State Key Laboratory of Analytical Chemistry for Life Science, School of Chemistry and Chemical Engineering, Nanjing University , Nanjing 210093, P.R. China.
J Am Chem Soc. 2013 Sep 11;135(36):13282-5. doi: 10.1021/ja406532e. Epub 2013 Aug 29.
This work designs a telomerase-responsive mesoporous silica nanoparticle (MSN) to realize in situ "off-on" imaging of intracellular telomerase activity. In the wrapping DNA (O1) sealed MSN probe, a black hole fluorescence quencher is covalently immobilized on the inner walls of the mesopores, while fluorescein is loaded in the mesopores. In the presence of telomerase and dNTPs, the designed O1 can be extended and then moves away from the MSN surface via forming a rigid hairpin-like DNA structure. Thus the O1 can act as a "biogate" to block and release fluorescein for "off-on" switchable fluorescent imaging. The MSN probe exhibits good performance for sensitive in situ tracking of telomerase activity in living cells. The practicality of this protocol has been verified by monitoring the change of cellular telomerase activity in response to telomerase-related drugs.

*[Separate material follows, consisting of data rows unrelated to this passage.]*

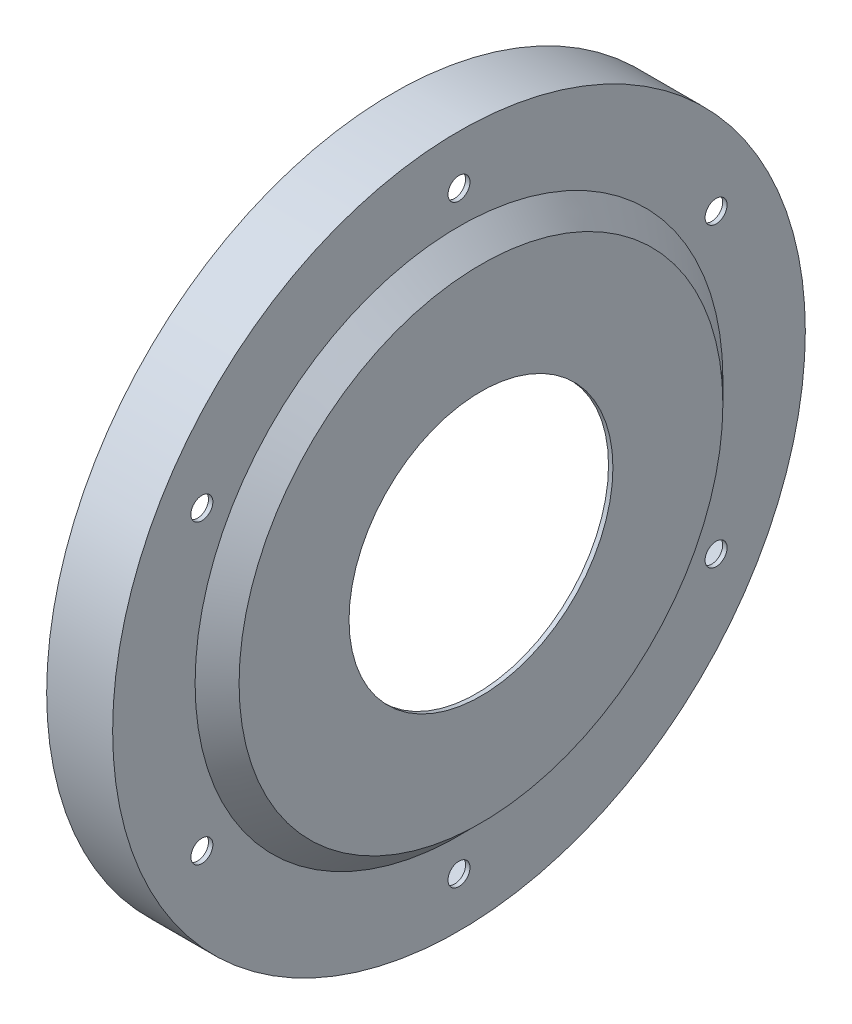
SolidWorks part; units mm, degrees
ref_plane "Front Plane" through (0, 0, 0) normal (0, 0, 1) x (1, 0, 0)
ref_plane "Top Plane" through (0, 0, 0) normal (0, 1, 0) x (1, 0, 0)
ref_plane "Right Plane" through (0, 0, 0) normal (1, 0, 0) x (0, 0, -1)
other "Configuration Table"
sketch "Sketch1" plane through (0, 0, 0) normal (0, 1, 0) x (1, 0, 0)
  line L0 (0, 0) -> (60, 0) construction
  line L1 (0, 0) -> (0, 157.5)
  line L2 (0, 157.5) -> (30, 157.5)
  line L3 (30, 157.5) -> (30, 120)
  line L4 (30, 120) -> (40, 110)
  line L5 (40, 110) -> (40, 0)
  line L6 (0, 0) -> (40, 0)
  dimension "D1" = 30
  dimension "D2" = 40
  dimension "D3" = 315
  dimension "D4" = 240
  dimension "D5" = 45
revolve "Revolve1" add sketch "Sketch1" angle 360 about L0
shell "Shell1" thickness 2
sketch "Sketch2" plane through (40, 0, 0) normal (1, 0, 0) x (0, 0, -1)
  circle A0 centre (0, 0) radius 60
  dimension "D1" = 120
extrude "Cut-Extrude1" cut sketch "Sketch2" against normal blind 50
sketch "Sketch3" plane through (30, 0, 0) normal (1, 0, 0) x (0, 0, -1)
  circle A0 centre (0, 0) radius 135 construction
  circle A1 centre (0, 135) radius 5
  circle A2 centre (116.9134, 67.5) radius 5
  circle A3 centre (116.9134, -67.5) radius 5
  circle A4 centre (0, -135) radius 5
  circle A5 centre (-116.9134, -67.5) radius 5
  circle A6 centre (-116.9134, 67.5) radius 5
  point P18 (0, 0)
  dimension "D1" = 270
  dimension "D2" = 10
  dimension "D3" = 6
extrude "Cut-Extrude2" cut sketch "Sketch3" against normal blind 50

本工作设计了一种端粒酶响应介孔硅纳米粒子(MSN),实现了细胞内端粒酶活性的原位“开-关”成像。在包裹 DNA(O1)密封的 MSN 探针中,将黑洞荧光猝灭剂共价固定在介孔的内壁上,而荧光素装载在介孔中。在端粒酶和 dNTPs 的存在下,设计的 O1 可以延伸,然后通过形成刚性发夹状 DNA 结构从 MSN 表面移动。因此,O1 可以作为“生物门”来阻断和释放荧光素,实现“开-关”可切换荧光成像。MSN 探针在活细胞中端粒酶活性的灵敏原位跟踪中表现出良好的性能。通过监测细胞中端粒酶活性对端粒酶相关药物的变化,验证了该方案的实用性。